By contrast, Weizenbaum’s ELIZA worked, when she worked, as a trick. It was only because its users did not understand the procedures behind ELIZA’s statements that they could imagine that she understood them. For Weizenbaum, this misunderstanding belied a deeper confusion, a confusion between thinking and computation. A computer’s operation, how complicated soever, is fundamentally mechanical and regular. Its can bug out or break down, but a computer cannot, on its own terms, make a mistake. Thought, on the other hand, is autonomous, not merely in the sense of being free but in the sense of being self-legislated. We thereby err when we speak of a computer, employed say in prisons, deciding to deny a prisoner’s parole. And such errors are not innocent slip-ups, but obscure the role of the creators and operators of such programs, to whom the decision is properly imputed.

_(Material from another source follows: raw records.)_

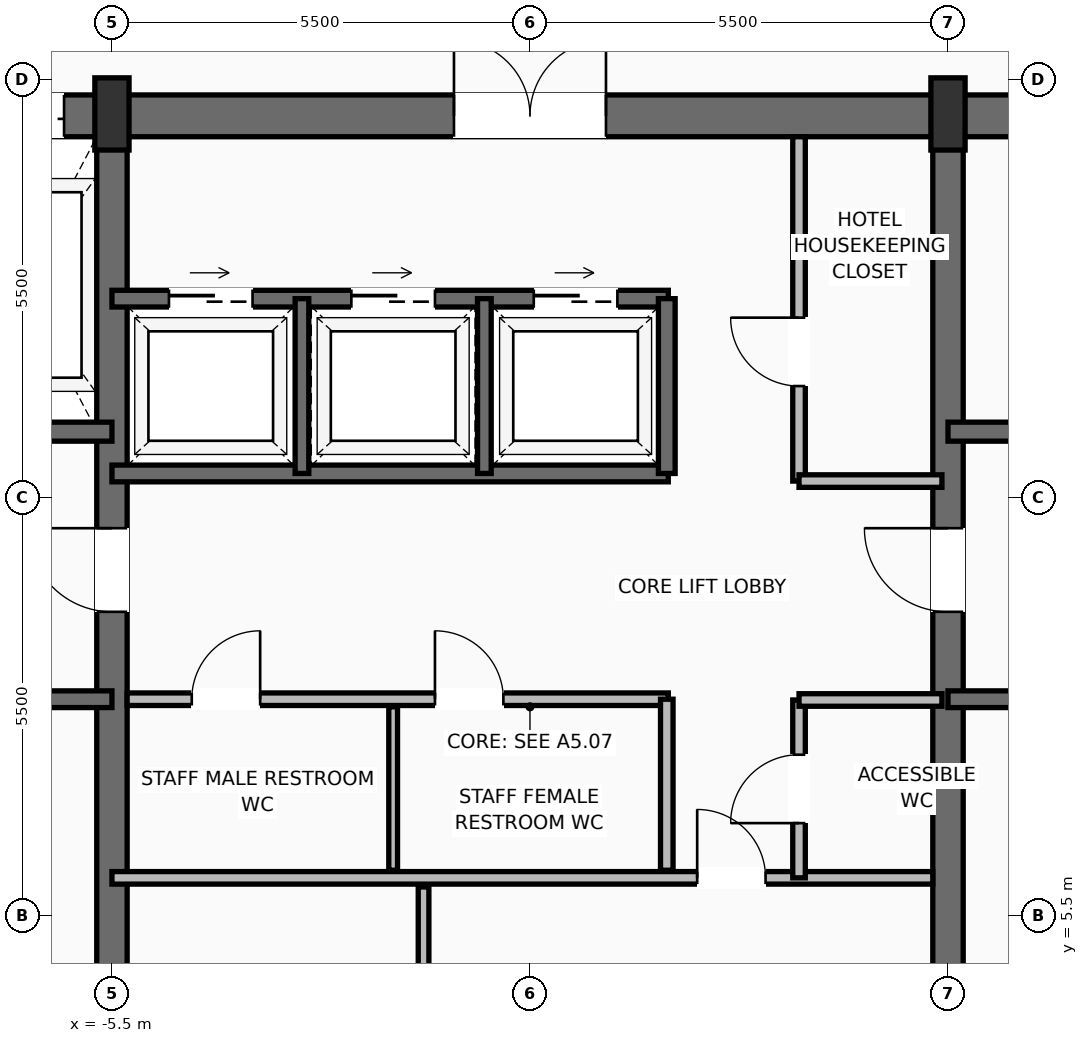
"""IFC4 building model, lengths in metres.
Left out: names, types, materials, properties, quantities, classifications, styles, units other than length and angle.
Written with IfcOpenShell. Run it as: python <this file> out.ifc"""

import sys

from ifc_helpers import new_model, si_unit, direction, frame, frame_2d, origin, origin_2d, place, context, subcontext, project, spatial, rectangle, extrude, source, transform, mapped, element, fill, save


model = new_model("IFC4")
c1 = context("Model", 3, precision=1e-05, world=origin(), true_north=direction((0.0, 1.0)))
c2 = subcontext(c1, "Body", "Model", "MODEL_VIEW")
j1 = project(units=[si_unit("LENGTHUNIT", "METRE"), si_unit("PLANEANGLEUNIT", "RADIAN")], contexts=[c1])
p1 = place(None, origin())
s1 = spatial("IfcSite", under=j1, at=p1, CompositionType="ELEMENT")
p2 = place(p1, origin())
s2 = spatial("IfcBuilding", under=s1, at=p2, CompositionType="ELEMENT")
p3 = place(p2, frame((0.0, 0.0, 240.7)))
s3 = spatial("IfcBuildingStorey", under=s2, at=p3, CompositionType="ELEMENT", Elevation=240.7)
p4 = place(p3, frame((-10.7, 16.025, 0.0), z_axis=(0.0, 0.0, 1.0), x_axis=(1.0, 0.0, 0.0)))
e1 = element("IfcWall", 1, at=p4, inside=s3, PredefinedType="SHEAR", context=c2, shape_type="SweptSolid", body=[
    extrude(rectangle(XDim=21.4, YDim=0.55, at=frame_2d((10.7, 0.0))), origin(), (0.0, 0.0, 1.0), 3.24),
])
p5 = place(p4, frame((3.27, 0.0, 0.0)))
e2 = element("IfcOpeningElement", 2, at=p5, cuts=e1, PredefinedType="OPENING", context=c2, shape_type="SweptSolid", body=[
    extrude(rectangle(XDim=1.3, YDim=2.3, at=frame_2d((0.65, 1.15))), frame((0.0, 0.285, 0.0), z_axis=(0.0, -1.0, 0.0), x_axis=(1.0, 0.0, 0.0)), (0.0, 0.0, 1.0), 0.57),
])
p6 = place(p4, frame((9.7, 0.0, 0.0)))
e3 = element("IfcOpeningElement", 3, at=p6, cuts=e1, PredefinedType="OPENING", context=c2, shape_type="SweptSolid", body=[
    extrude(rectangle(XDim=2.0, YDim=2.4, at=frame_2d((1.0, 1.2))), frame((0.0, 0.285, 0.0), z_axis=(0.0, -1.0, 0.0), x_axis=(1.0, 0.0, 0.0)), (0.0, 0.0, 1.0), 0.57),
])
p7 = place(p3, frame((-5.5, 0.575, 0.0), z_axis=(0.0, 0.0, 1.0), x_axis=(0.0, 1.0, 0.0)))
e4 = element("IfcWall", 4, at=p7, inside=s3, PredefinedType="SHEAR", context=c2, shape_type="SweptSolid", body=[
    extrude(rectangle(XDim=15.45, YDim=0.4, at=frame_2d((7.725, 0.0))), origin(), (0.0, 0.0, 1.0), 3.24),
])
p8 = place(p7, frame((8.925, 0.0, 0.0)))
e5 = element("IfcOpeningElement", 5, at=p8, cuts=e4, PredefinedType="OPENING", context=c2, shape_type="SweptSolid", body=[
    extrude(rectangle(XDim=1.1, YDim=2.2, at=frame_2d((0.55, 1.1))), frame((0.0, 0.21, 0.0), z_axis=(0.0, -1.0, 0.0), x_axis=(1.0, 0.0, 0.0)), (0.0, 0.0, 1.0), 0.42),
])
p9 = place(p3, frame((5.5, 0.575, 0.0), z_axis=(0.0, 0.0, 1.0), x_axis=(0.0, 1.0, 0.0)))
e6 = element("IfcWall", 6, at=p9, inside=s3, PredefinedType="SHEAR", context=c2, shape_type="SweptSolid", body=[
    extrude(rectangle(XDim=15.45, YDim=0.4, at=frame_2d((7.725, 0.0))), origin(), (0.0, 0.0, 1.0), 3.24),
])
p10 = place(p9, frame((8.925, 0.0, 0.0)))
e7 = element("IfcOpeningElement", 7, at=p10, cuts=e6, PredefinedType="OPENING", context=c2, shape_type="SweptSolid", body=[
    extrude(rectangle(XDim=1.1, YDim=2.2, at=frame_2d((0.55, 1.1))), frame((0.0, 0.21, 0.0), z_axis=(0.0, -1.0, 0.0), x_axis=(1.0, 0.0, 0.0)), (0.0, 0.0, 1.0), 0.42),
])
m1 = source(origin(), c2, "Body", "SweptSolid", [
    extrude(rectangle(XDim=0.45, YDim=0.95, at=origin_2d()), origin(), (0.0, 0.0, 1.0), 3.45),
])
for number, where, z_axis, x_axis in (
    (8, (-5.5, 16.05, 0.0), (0.0, 0.0, 1.0), (1.0, 0.0, 0.0)),
    (9, (5.5, 16.05, 0.0), (0.0, 0.0, 1.0), (1.0, 0.0, 0.0)),
):
    element("IfcColumn", number, at=place(p3, frame(where, z_axis=z_axis, x_axis=x_axis)), inside=s3, PredefinedType="PILASTER", context=c2, shape_type="MappedRepresentation", body=[
        mapped(m1, transform((0.0, 0.0, 0.0), scale=1.0)),
    ])
p11 = place(p3, frame((-5.5, 8.35, 0.0), z_axis=(0.0, 0.0, 1.0), x_axis=(-1.0, 0.0, 0.0)))
e10 = element("IfcWall", 10, at=p11, inside=s3, PredefinedType="SOLIDWALL", context=c2, shape_type="SweptSolid", body=[
    extrude(rectangle(XDim=4.65, YDim=0.22, at=frame_2d((2.325, 0.0))), origin(), (0.0, 0.0, 1.0), 3.24),
])
p12 = place(p11, frame((2.5, 0.0, 0.0)))
e11 = element("IfcOpeningElement", 11, at=p12, cuts=e10, PredefinedType="OPENING", context=c2, shape_type="SweptSolid", body=[
    extrude(rectangle(XDim=1.15, YDim=2.2, at=frame_2d((0.575, 1.1))), frame((0.0, 0.12, 0.0), z_axis=(0.0, -1.0, 0.0), x_axis=(1.0, 0.0, 0.0)), (0.0, 0.0, 1.0), 0.24),
])
p13 = place(p3, frame((-5.5, 11.87, 0.0), z_axis=(0.0, 0.0, 1.0), x_axis=(-1.0, 0.0, 0.0)))
e12 = element("IfcWall", 12, at=p13, inside=s3, PredefinedType="SOLIDWALL", context=c2, shape_type="SweptSolid", body=[
    extrude(rectangle(XDim=4.65, YDim=0.25, at=frame_2d((2.325, 0.0))), origin(), (0.0, 0.0, 1.0), 3.24),
])
p14 = place(p13, frame((2.95, 0.0, 0.0)))
e13 = element("IfcOpeningElement", 13, at=p14, cuts=e12, PredefinedType="OPENING", context=c2, shape_type="SweptSolid", body=[
    extrude(rectangle(XDim=1.2, YDim=2.25, at=frame_2d((0.6, 1.125))), frame((0.0, 0.135, 0.0), z_axis=(0.0, -1.0, 0.0), x_axis=(1.0, 0.0, 0.0)), (0.0, 0.0, 1.0), 0.27),
])
p15 = place(p3, frame((10.15, 8.35, 0.0), z_axis=(0.0, 0.0, 1.0), x_axis=(-1.0, 0.0, 0.0)))
e14 = element("IfcWall", 14, at=p15, inside=s3, PredefinedType="SOLIDWALL", context=c2, shape_type="SweptSolid", body=[
    extrude(rectangle(XDim=4.65, YDim=0.22, at=frame_2d((2.325, 0.0))), origin(), (0.0, 0.0, 1.0), 3.24),
])
p16 = place(p15, frame((1.0, 0.0, 0.0)))
e15 = element("IfcOpeningElement", 15, at=p16, cuts=e14, PredefinedType="OPENING", context=c2, shape_type="SweptSolid", body=[
    extrude(rectangle(XDim=1.15, YDim=2.2, at=frame_2d((0.575, 1.1))), frame((0.0, 0.12, 0.0), z_axis=(0.0, -1.0, 0.0), x_axis=(1.0, 0.0, 0.0)), (0.0, 0.0, 1.0), 0.24),
])
p17 = place(p3, frame((10.15, 11.87, 0.0), z_axis=(0.0, 0.0, 1.0), x_axis=(-1.0, 0.0, 0.0)))
e16 = element("IfcWall", 16, at=p17, inside=s3, PredefinedType="SOLIDWALL", context=c2, shape_type="SweptSolid", body=[
    extrude(rectangle(XDim=4.65, YDim=0.25, at=frame_2d((2.325, 0.0))), origin(), (0.0, 0.0, 1.0), 3.24),
])
p18 = place(p17, frame((0.5, 0.0, 0.0)))
e17 = element("IfcOpeningElement", 17, at=p18, cuts=e16, PredefinedType="OPENING", context=c2, shape_type="SweptSolid", body=[
    extrude(rectangle(XDim=1.2, YDim=2.25, at=frame_2d((0.6, 1.125))), frame((0.0, 0.135, 0.0), z_axis=(0.0, -1.0, 0.0), x_axis=(1.0, 0.0, 0.0)), (0.0, 0.0, 1.0), 0.27),
])
p19 = place(p3, frame((-5.5, 6.0, 0.0), z_axis=(0.0, 0.0, 1.0), x_axis=(1.0, 0.0, 0.0)))
e18 = element("IfcWall", 18, at=p19, inside=s3, PredefinedType="PARTITIONING", context=c2, shape_type="SweptSolid", body=[
    extrude(rectangle(XDim=10.8, YDim=0.165, at=frame_2d((5.4, 0.0))), origin(), (0.0, 0.0, 1.0), 3.232),
])
p20 = place(p19, frame((7.7, 0.0, 0.0)))
e19 = element("IfcOpeningElement", 19, at=p20, cuts=e18, PredefinedType="OPENING", context=c2, shape_type="SweptSolid", body=[
    extrude(rectangle(XDim=0.9, YDim=2.1, at=frame_2d((0.45, 1.05))), frame((0.0, 0.093, 0.0), z_axis=(0.0, -1.0, 0.0), x_axis=(1.0, 0.0, 0.0)), (0.0, 0.0, 1.0), 0.185),
])
p21 = place(p3, frame((-1.4, 0.85, 0.0), z_axis=(0.0, 0.0, 1.0), x_axis=(0.0, 1.0, 0.0)))
e20 = element("IfcWall", 20, at=p21, inside=s3, PredefinedType="PARTITIONING", context=c2, shape_type="SweptSolid", body=[
    extrude(rectangle(XDim=5.03, YDim=0.14, at=frame_2d((2.515, 0.0))), origin(), (0.0, 0.0, 1.0), 3.232),
])
p22 = place(p21, frame((2.1, 0.0, 0.0)))
e21 = element("IfcOpeningElement", 21, at=p22, cuts=e20, PredefinedType="OPENING", context=c2, shape_type="SweptSolid", body=[
    extrude(rectangle(XDim=0.9, YDim=2.1, at=frame_2d((0.45, 1.05))), frame((0.0, 0.08, 0.0), z_axis=(0.0, -1.0, 0.0), x_axis=(1.0, 0.0, 0.0)), (0.0, 0.0, 1.0), 0.16),
])
p23 = place(p3, frame((3.54, 6.0, 0.0), z_axis=(0.0, 0.0, 1.0), x_axis=(0.0, 1.0, 0.0)))
e22 = element("IfcWall", 22, at=p23, inside=s3, PredefinedType="PARTITIONING", context=c2, shape_type="SweptSolid", body=[
    extrude(rectangle(XDim=2.34, YDim=0.165, at=frame_2d((1.17, 0.0))), origin(), (0.0, 0.0, 1.0), 3.232),
])
p24 = place(p23, frame((0.72, 0.0, 0.0)))
e23 = element("IfcOpeningElement", 23, at=p24, cuts=e22, PredefinedType="OPENING", context=c2, shape_type="SweptSolid", body=[
    extrude(rectangle(XDim=0.9, YDim=2.1, at=frame_2d((0.45, 1.05))), frame((0.0, 0.093, 0.0), z_axis=(0.0, -1.0, 0.0), x_axis=(1.0, 0.0, 0.0)), (0.0, 0.0, 1.0), 0.185),
])
p25 = place(p3, frame((3.54, 8.34, 0.0), z_axis=(0.0, 0.0, 1.0), x_axis=(1.0, 0.0, 0.0)))
e24 = element("IfcWall", 24, at=p25, inside=s3, PredefinedType="PARTITIONING", context=c2, shape_type="SweptSolid", body=[
    extrude(rectangle(XDim=1.88, YDim=0.165, at=frame_2d((0.94, 0.0))), origin(), (0.0, 0.0, 1.0), 3.232),
])
p26 = place(p3, frame((-5.3, 8.35, 0.0), z_axis=(0.0, 0.0, 1.0), x_axis=(1.0, 0.0, 0.0)))
e25 = element("IfcWall", 25, at=p26, inside=s3, PredefinedType="PARTITIONING", context=c2, shape_type="SweptSolid", body=[
    extrude(rectangle(XDim=7.12, YDim=0.165, at=frame_2d((3.56, 0.0))), origin(), (0.0, 0.0, 1.0), 3.232),
])
p27 = place(p26, frame((0.85, 0.0, 0.0)))
e26 = element("IfcOpeningElement", 26, at=p27, cuts=e25, PredefinedType="OPENING", context=c2, shape_type="SweptSolid", body=[
    extrude(rectangle(XDim=0.9, YDim=2.1, at=frame_2d((0.45, 1.05))), frame((0.0, 0.093, 0.0), z_axis=(0.0, -1.0, 0.0), x_axis=(1.0, 0.0, 0.0)), (0.0, 0.0, 1.0), 0.185),
])
p28 = place(p26, frame((4.05, 0.0, 0.0)))
e27 = element("IfcOpeningElement", 27, at=p28, cuts=e25, PredefinedType="OPENING", context=c2, shape_type="SweptSolid", body=[
    extrude(rectangle(XDim=0.9, YDim=2.1, at=frame_2d((0.45, 1.05))), frame((0.0, 0.093, 0.0), z_axis=(0.0, -1.0, 0.0), x_axis=(1.0, 0.0, 0.0)), (0.0, 0.0, 1.0), 0.185),
])
p29 = place(p3, frame((1.8, 6.1, 0.0), z_axis=(0.0, 0.0, 1.0), x_axis=(0.0, 1.0, 0.0)))
e28 = element("IfcWall", 28, at=p29, inside=s3, PredefinedType="PARTITIONING", context=c2, shape_type="SweptSolid", body=[
    extrude(rectangle(XDim=2.25, YDim=0.165, at=frame_2d((1.125, 0.0))), origin(), (0.0, 0.0, 1.0), 3.232),
])
p30 = place(p3, frame((-1.8, 6.1, 0.0), z_axis=(0.0, 0.0, 1.0), x_axis=(0.0, 1.0, 0.0)))
e29 = element("IfcWall", 29, at=p30, inside=s3, PredefinedType="PARTITIONING", context=c2, shape_type="SweptSolid", body=[
    extrude(rectangle(XDim=2.15, YDim=0.115, at=frame_2d((1.075, 0.0))), origin(), (0.0, 0.0, 1.0), 3.232),
])
p31 = place(p3, frame((-5.5, 11.32, 0.0), z_axis=(0.0, 0.0, 1.0), x_axis=(1.0, 0.0, 0.0)))
e30 = element("IfcWall", 30, at=p31, inside=s3, PredefinedType="SOLIDWALL", context=c2, shape_type="SweptSolid", body=[
    extrude(rectangle(XDim=7.32, YDim=0.22, at=frame_2d((3.66, 0.0))), origin(), (0.0, 0.0, 1.0), 3.24),
])
p32 = place(p3, frame((-5.5, 13.62, 0.0), z_axis=(0.0, 0.0, 1.0), x_axis=(1.0, 0.0, 0.0)))
e31 = element("IfcWall", 31, at=p32, inside=s3, PredefinedType="SOLIDWALL", context=c2, shape_type="SweptSolid", body=[
    extrude(rectangle(XDim=7.32, YDim=0.22, at=frame_2d((3.66, 0.0))), origin(), (0.0, 0.0, 1.0), 3.24),
])
p33 = place(p32, frame((0.75, 0.0, 0.0)))
e32 = element("IfcOpeningElement", 32, at=p33, cuts=e31, PredefinedType="OPENING", context=c2, shape_type="SweptSolid", body=[
    extrude(rectangle(XDim=1.1, YDim=2.2, at=frame_2d((0.55, 1.1))), frame((0.0, 0.12, 0.0), z_axis=(0.0, -1.0, 0.0), x_axis=(1.0, 0.0, 0.0)), (0.0, 0.0, 1.0), 0.24),
])
p34 = place(p32, frame((3.15, 0.0, 0.0)))
e33 = element("IfcOpeningElement", 33, at=p34, cuts=e31, PredefinedType="OPENING", context=c2, shape_type="SweptSolid", body=[
    extrude(rectangle(XDim=1.1, YDim=2.2, at=frame_2d((0.55, 1.1))), frame((0.0, 0.12, 0.0), z_axis=(0.0, -1.0, 0.0), x_axis=(1.0, 0.0, 0.0)), (0.0, 0.0, 1.0), 0.24),
])
p35 = place(p32, frame((5.55, 0.0, 0.0)))
e34 = element("IfcOpeningElement", 34, at=p35, cuts=e31, PredefinedType="OPENING", context=c2, shape_type="SweptSolid", body=[
    extrude(rectangle(XDim=1.1, YDim=2.2, at=frame_2d((0.55, 1.1))), frame((0.0, 0.12, 0.0), z_axis=(0.0, -1.0, 0.0), x_axis=(1.0, 0.0, 0.0)), (0.0, 0.0, 1.0), 0.24),
])
p36 = place(p3, frame((1.8, 11.32, 0.0), z_axis=(0.0, 0.0, 1.0), x_axis=(0.0, 1.0, 0.0)))
e35 = element("IfcWall", 35, at=p36, inside=s3, PredefinedType="SOLIDWALL", context=c2, shape_type="SweptSolid", body=[
    extrude(rectangle(XDim=2.3, YDim=0.22, at=frame_2d((1.15, 0.0))), origin(), (0.0, 0.0, 1.0), 3.24),
])
for number, where, z_axis, x_axis in (
    (36, (-3.0, 11.32, 0.0), (0.0, 0.0, 1.0), (0.0, 1.0, 0.0)),
    (37, (-0.6, 11.32, 0.0), (0.0, 0.0, 1.0), (0.0, 1.0, 0.0)),
):
    element("IfcWall", number, at=place(p3, frame(where, z_axis=z_axis, x_axis=x_axis)), inside=s3, PredefinedType="SOLIDWALL", context=c2, shape_type="SweptSolid", body=[
        extrude(rectangle(XDim=2.3, YDim=0.18, at=frame_2d((1.15, 0.0))), origin(), (0.0, 0.0, 1.0), 3.24),
    ])
p37 = place(p3, frame((3.54, 11.22, 0.0), z_axis=(0.0, 0.0, 1.0), x_axis=(0.0, 1.0, 0.0)))
e38 = element("IfcWall", 38, at=p37, inside=s3, PredefinedType="PARTITIONING", context=c2, shape_type="SweptSolid", body=[
    extrude(rectangle(XDim=4.53, YDim=0.165, at=frame_2d((2.265, 0.0))), origin(), (0.0, 0.0, 1.0), 3.232),
])
p38 = place(p37, frame((1.25, 0.0, 0.0)))
e39 = element("IfcOpeningElement", 39, at=p38, cuts=e38, PredefinedType="OPENING", context=c2, shape_type="SweptSolid", body=[
    extrude(rectangle(XDim=0.9, YDim=2.1, at=frame_2d((0.45, 1.05))), frame((0.0, 0.093, 0.0), z_axis=(0.0, -1.0, 0.0), x_axis=(1.0, 0.0, 0.0)), (0.0, 0.0, 1.0), 0.185),
])
p39 = place(p3, frame((3.54, 11.22, 0.0), z_axis=(0.0, 0.0, 1.0), x_axis=(1.0, 0.0, 0.0)))
e40 = element("IfcWall", 40, at=p39, inside=s3, PredefinedType="PARTITIONING", context=c2, shape_type="SweptSolid", body=[
    extrude(rectangle(XDim=1.88, YDim=0.165, at=frame_2d((0.94, 0.0))), origin(), (0.0, 0.0, 1.0), 3.232),
])
m2 = source(origin(), c2, "Body", "SweptSolid", [
    extrude(rectangle(XDim=1.1, YDim=2.2, at=frame_2d((0.55, 1.1))), frame((0.0, 0.025, 0.0), z_axis=(0.0, -1.0, 0.0), x_axis=(1.0, 0.0, 0.0)), (0.0, 0.0, 1.0), 0.05),
])
p40 = place(p8, origin())
e41 = element("IfcDoor", 41, at=p40, inside=s3, OperationType="SINGLE_SWING_RIGHT", PredefinedType="DOOR", context=c2, shape_type="MappedRepresentation", body=[
    mapped(m2, transform((0.0, 0.0, 0.0), scale=1.0)),
])
fill(e5, e41)
m3 = source(origin(), c2, "Body", "SweptSolid", [
    extrude(rectangle(XDim=1.3, YDim=2.3, at=frame_2d((0.65, 1.15))), frame((0.0, 0.025, 0.0), z_axis=(0.0, -1.0, 0.0), x_axis=(1.0, 0.0, 0.0)), (0.0, 0.0, 1.0), 0.05),
])
p41 = place(p5, origin())
e42 = element("IfcDoor", 42, at=p41, inside=s3, OperationType="SLIDING_TO_RIGHT", PredefinedType="DOOR", context=c2, shape_type="MappedRepresentation", body=[
    mapped(m3, transform((0.0, 0.0, 0.0), scale=1.0)),
])
fill(e2, e42)
p42 = place(p10, origin())
e43 = element("IfcDoor", 43, at=p42, inside=s3, OperationType="SINGLE_SWING_RIGHT", PredefinedType="DOOR", context=c2, shape_type="MappedRepresentation", body=[
    mapped(m2, transform((0.0, 0.0, 0.0), scale=1.0)),
])
fill(e7, e43)
m4 = source(origin(), c2, "Body", "SweptSolid", [
    extrude(rectangle(XDim=2.0, YDim=2.4, at=frame_2d((1.0, 1.2))), frame((0.0, 0.025, 0.0), z_axis=(0.0, -1.0, 0.0), x_axis=(1.0, 0.0, 0.0)), (0.0, 0.0, 1.0), 0.05),
])
p43 = place(p6, origin())
e44 = element("IfcDoor", 44, at=p43, inside=s3, OperationType="DOUBLE_DOOR_SINGLE_SWING", PredefinedType="DOOR", context=c2, shape_type="MappedRepresentation", body=[
    mapped(m4, transform((0.0, 0.0, 0.0), scale=1.0)),
])
fill(e3, e44)
m5 = source(origin(), c2, "Body", "SweptSolid", [
    extrude(rectangle(XDim=0.9, YDim=2.1, at=frame_2d((0.45, 1.05))), frame((0.0, 0.025, 0.0), z_axis=(0.0, -1.0, 0.0), x_axis=(1.0, 0.0, 0.0)), (0.0, 0.0, 1.0), 0.05),
])
p44 = place(p20, origin())
e45 = element("IfcDoor", 45, at=p44, inside=s3, OperationType="SINGLE_SWING_LEFT", PredefinedType="DOOR", context=c2, shape_type="MappedRepresentation", body=[
    mapped(m5, transform((0.0, 0.0, 0.0), scale=1.0)),
])
fill(e19, e45)
p45 = place(p24, origin())
e46 = element("IfcDoor", 46, at=p45, inside=s3, OperationType="SINGLE_SWING_LEFT", PredefinedType="DOOR", context=c2, shape_type="MappedRepresentation", body=[
    mapped(m5, transform((0.0, 0.0, 0.0), scale=1.0)),
])
fill(e23, e46)
p46 = place(p27, origin())
e47 = element("IfcDoor", 47, at=p46, inside=s3, OperationType="SINGLE_SWING_RIGHT", PredefinedType="DOOR", context=c2, shape_type="MappedRepresentation", body=[
    mapped(m5, transform((0.0, 0.0, 0.0), scale=1.0)),
])
fill(e26, e47)
p47 = place(p28, origin())
e48 = element("IfcDoor", 48, at=p47, inside=s3, OperationType="SINGLE_SWING_LEFT", PredefinedType="DOOR", context=c2, shape_type="MappedRepresentation", body=[
    mapped(m5, transform((0.0, 0.0, 0.0), scale=1.0)),
])
fill(e27, e48)
m6 = source(origin(), c2, "Body", "SweptSolid", [
    extrude(rectangle(XDim=1.1, YDim=2.2, at=frame_2d((0.55, 1.1))), frame((0.0, 0.025, 0.0), z_axis=(0.0, -1.0, 0.0), x_axis=(1.0, 0.0, 0.0)), (0.0, 0.0, 1.0), 0.05),
])
p48 = place(p33, origin())
e49 = element("IfcDoor", 49, at=p48, inside=s3, OperationType="SLIDING_TO_RIGHT", PredefinedType="DOOR", context=c2, shape_type="MappedRepresentation", body=[
    mapped(m6, transform((0.0, 0.0, 0.0), scale=1.0)),
])
fill(e32, e49)
p49 = place(p34, origin())
e50 = element("IfcDoor", 50, at=p49, inside=s3, OperationType="SLIDING_TO_RIGHT", PredefinedType="DOOR", context=c2, shape_type="MappedRepresentation", body=[
    mapped(m6, transform((0.0, 0.0, 0.0), scale=1.0)),
])
fill(e33, e50)
p50 = place(p35, origin())
e51 = element("IfcDoor", 51, at=p50, inside=s3, OperationType="SLIDING_TO_RIGHT", PredefinedType="DOOR", context=c2, shape_type="MappedRepresentation", body=[
    mapped(m6, transform((0.0, 0.0, 0.0), scale=1.0)),
])
fill(e34, e51)
p51 = place(p38, origin())
e52 = element("IfcDoor", 52, at=p51, inside=s3, OperationType="SINGLE_SWING_RIGHT", PredefinedType="DOOR", context=c2, shape_type="MappedRepresentation", body=[
    mapped(m5, transform((0.0, 0.0, 0.0), scale=1.0)),
])
fill(e39, e52)
save(model, sys.argv[1])

In light of this humanist understanding of the capacities of the computer, we can revisit ELIZA’s implementation of something like Carl Roger’s person-centered therapy as being motivated by something more than mere ease. For the Rogerian therapist, her sessions are “nondirective,” not aimed at effecting specific changes in the patient. Instead the client is assumed to have “a sufficient capacity to deal constructively with all those aspect of life which can potentially come into conscious awareness.”1 The role of the therapist, then, is simply to bring into conscious awareness those aspects of the client’s life that need to be dealt constructively with. The techniques of the therapist, then, center on mirroring, empathizing with, elaborating on the thoughts of the patient. The cure is more listening than rhetoric.
There is correspondingly something instructive in the shattering of ELIZA’s facade, the moment which must come sooner or later when we come to see that she does not actually understand us. As with the mood tracker, we see that we have taken out nothing more than we have put in, which is not to say nothing. We have been, like Narcissus, absorbed in our own reflection, our double. Perhaps this hall of avatars, aliases, and tulpas will double as a therapist’s couch. Perhaps we should not want it to.